The `sa` argument points to a socket address structure of size `salen` bytes, `host` to a buffer of size `hostlen` bytes and `service` to a buffer of size `servlen` bytes.

If `getnameinfo` returns a nonzero error code, the application can convert it to a string by calling `gai_strerror`.

The `flags` argument is a bit mask that modifies the default behavior.

* `NI_NUMERICHOST`. By default, `getnameinfo` tries to return a domain name in host. Setting this flag will cause it to return a numeric address string instead.
* `NI_NUMERICSERV`. By default, `getnameinfo` will look in /etc/services and if possible, return a service name instead of a port number. Setting this flag forces it to skip the lookup and simply return the port number.

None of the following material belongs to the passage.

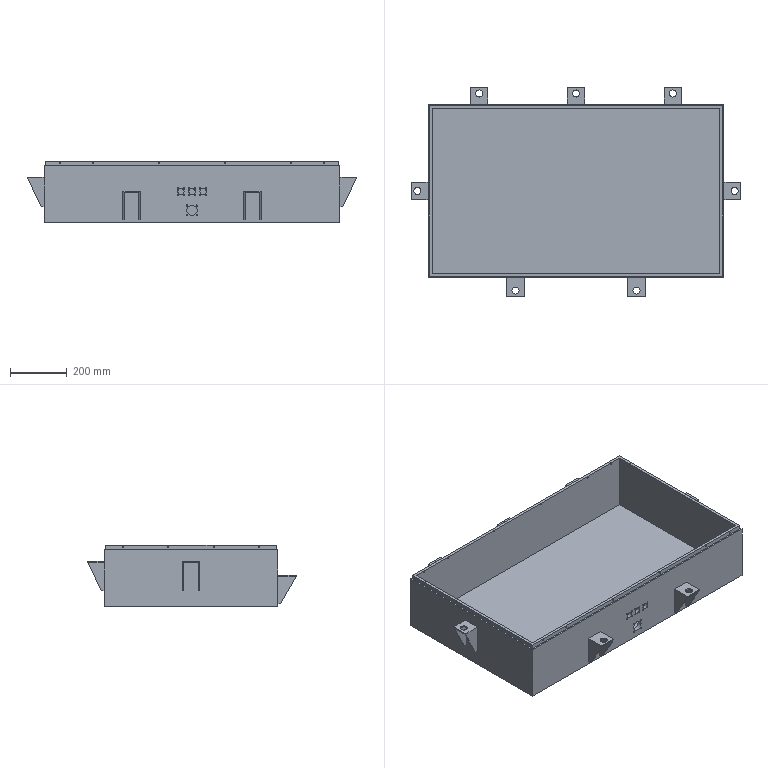Component | NX | ENCLOSURE | 1 solid | 140 faces | volume 19230413 mm3 | plane 93 | cylinder 47 | commonest cylinder face diameters 4 x36 25 x7 22.2 x3 36.5 x1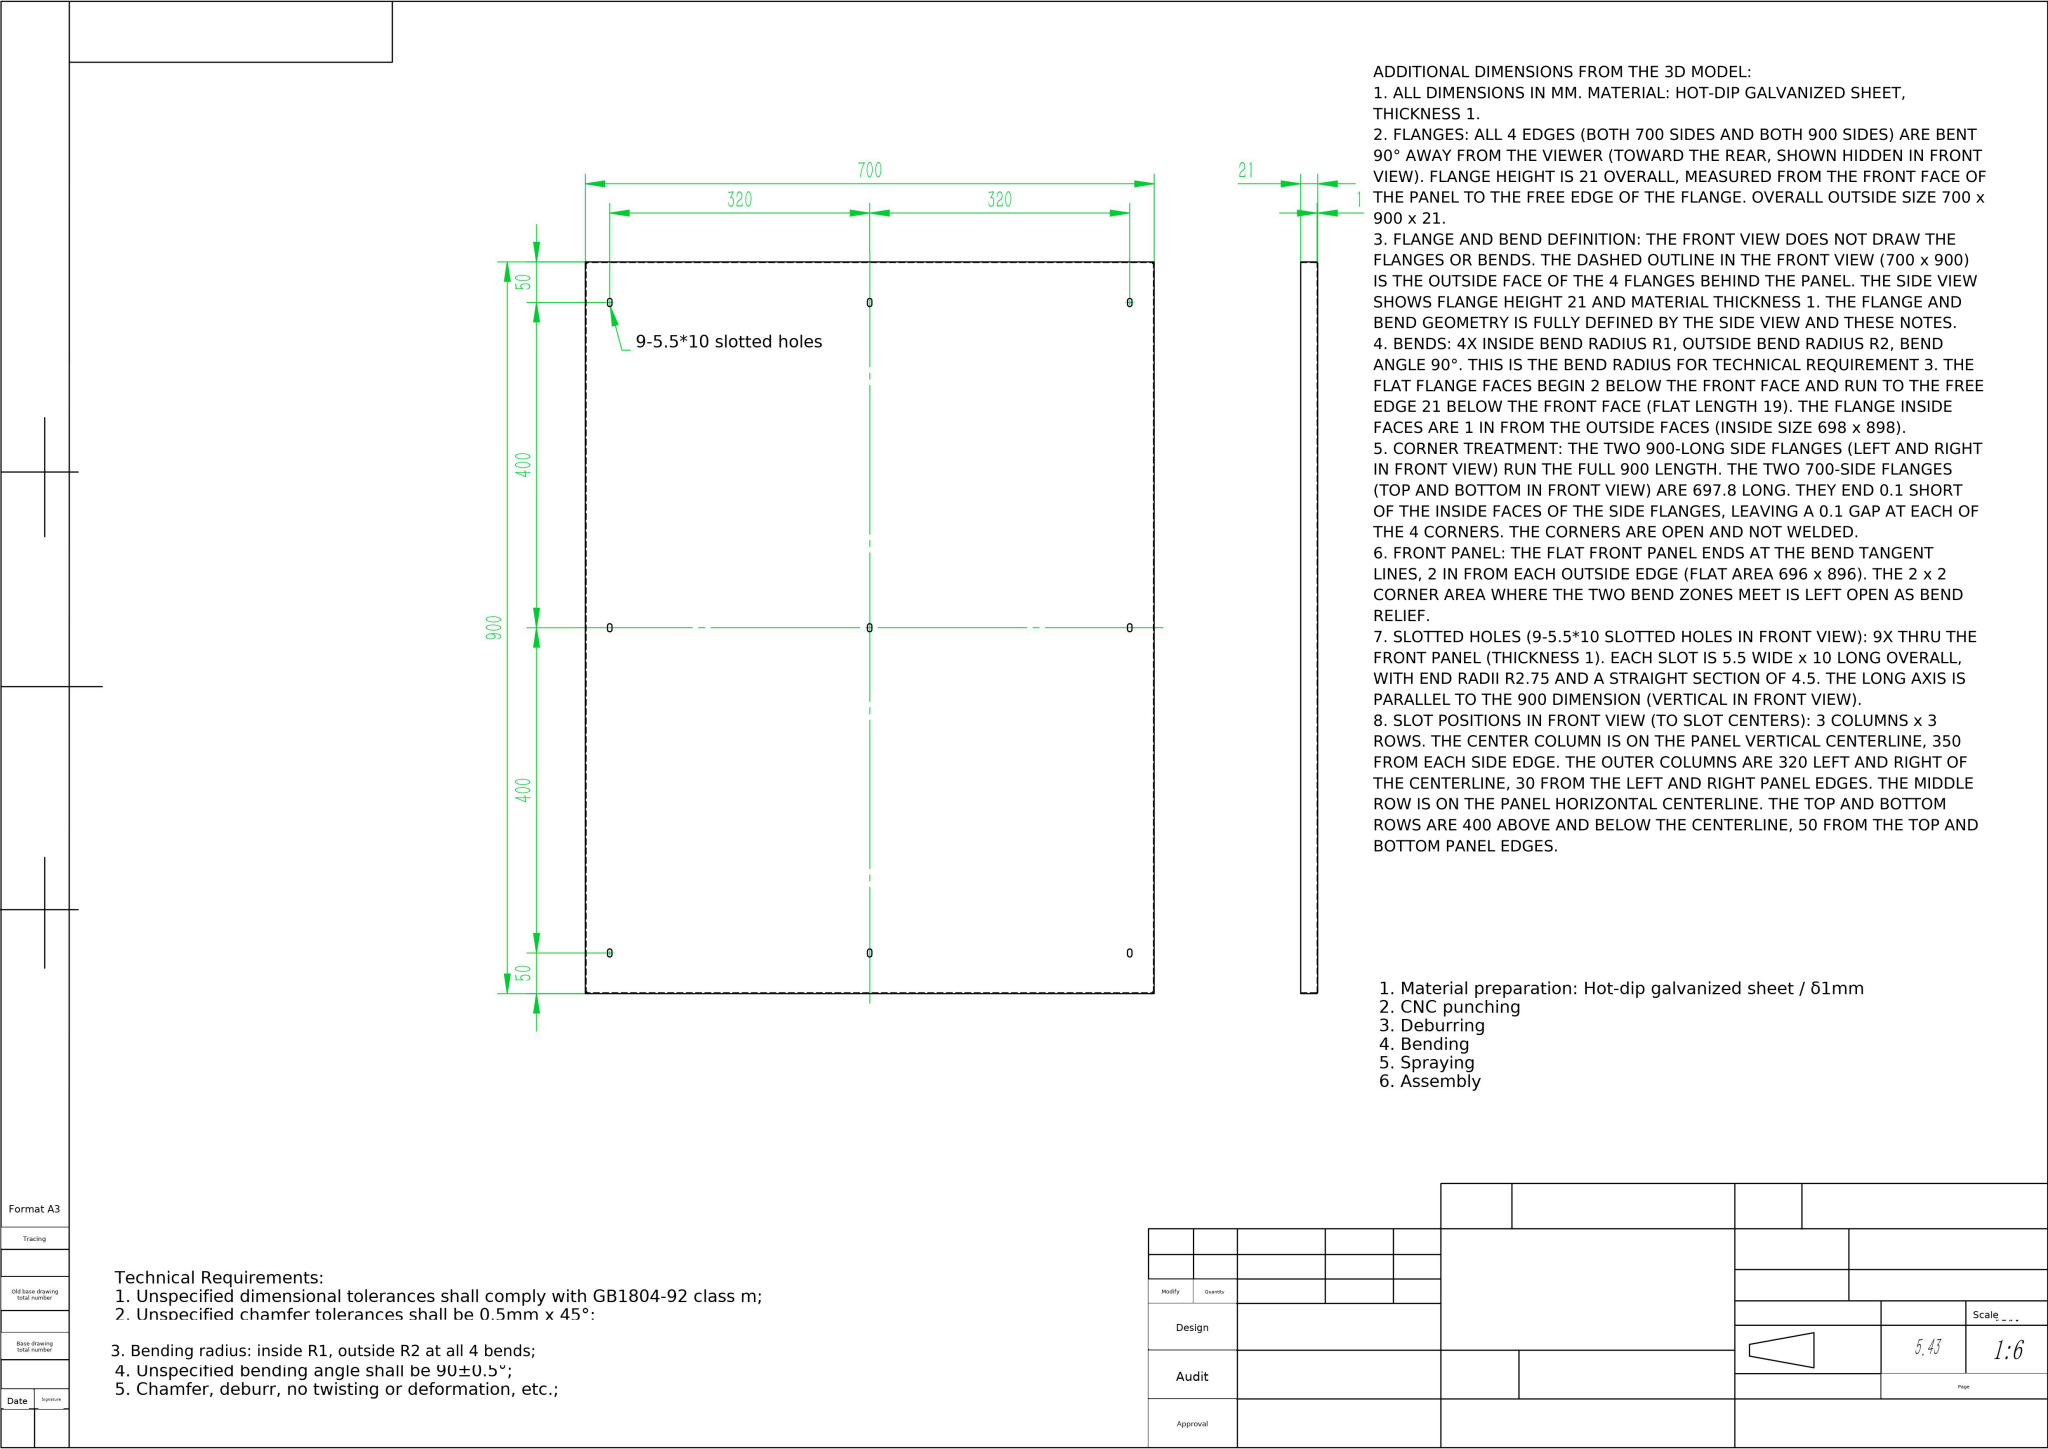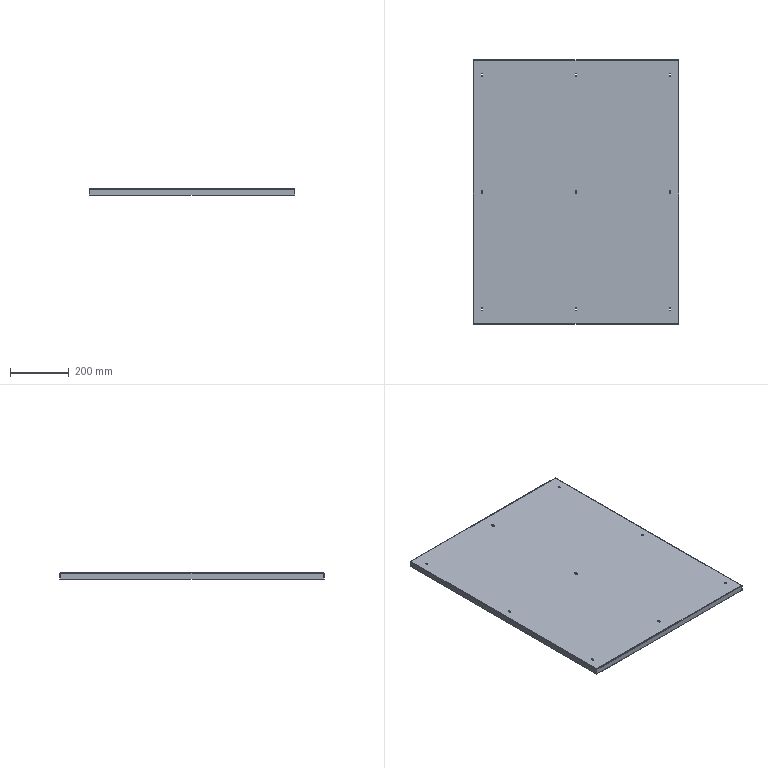Part | NX | mm | 1 solid | 74 faces | box 700 x 900 x 21 mm | volume 691412 mm3 | plane 40 | cylinder 26 | spline 8 | commonest cylinder face diameters 5.5 x18 2 x4 4 x4

## Helper Functions for the Sockets Interface

```c
int open_clientfd(char *hostname, char *port) {
  int clientfd;
  struct addrinfo hints, *listp, *p;
  
  memset(&hints, 0, sizeof(struct addrinfo));
  hints.ai_socktype = SOCK_STREAM;
  hints.ai_flags = AI_NUMERICSERV;
  hints.ai_flags |=  AI_ADDRCONFIG;
  
  getaddrinfo(hostname, port, &hints, &lisp);
  
  for(p = listp; p; p = p->ai_next) {
    if ((clientfd = socket(p->ai_family, p->ai_socktype, p->ai_protocol)) < 0)
      continue;
    if (connect(clientfd, p->ai_addr, p->ai_addrlen) != -1)
      break;
    close(clientfd);
  }
  
  freeaddrinfo(listp);
  if(!p)
    return -1;
  else
    return clientfd;
}
```

```c
int open_listenfd(char *port) {
  struct addrinfo hints, *listp, *p;
  int listenfd, optval=1;
  
  memset(&hints, 0, sizeof(struct addrinfo));
  hints.ai_socktype = SOCK_STREAM;
  hints.ai_flags = AI_PASSIVE | AI_ADDRCONFIG; // on any IP addresses
  hint.ai_flags = AI_NUMERICSERV; // using port number
  getaddrinfo(NULL, port, &hints, &listp);
  
  for(p = listp; p; p = p->ai_next) {
    if((listenfd = socket(p->ai_family, p->ai_socktype, p->ai_protocol)) < 0)
      continue;
    
    // Eliminates "Address already in use" error from bind
    setsockopt(listenfd, SOL_SOCKET, SO_REUSEADDR, (const void *)&optval, sizeof(int));
    
    if (bind(listenfd, p->addr, p->ai_addrlen) == 0)
      break;
    
    close(listenfd);
  }
  
  freeaddrinfo(listp);
  if(!p)
    return -1;
  
  if(listen(listenfd, LISTRENQ) < 0) {
    close(listenfd);
    return -1;
  }
  return listenfd;
}
```

It is good programming practice to explicitly close any descriptors that you have opened.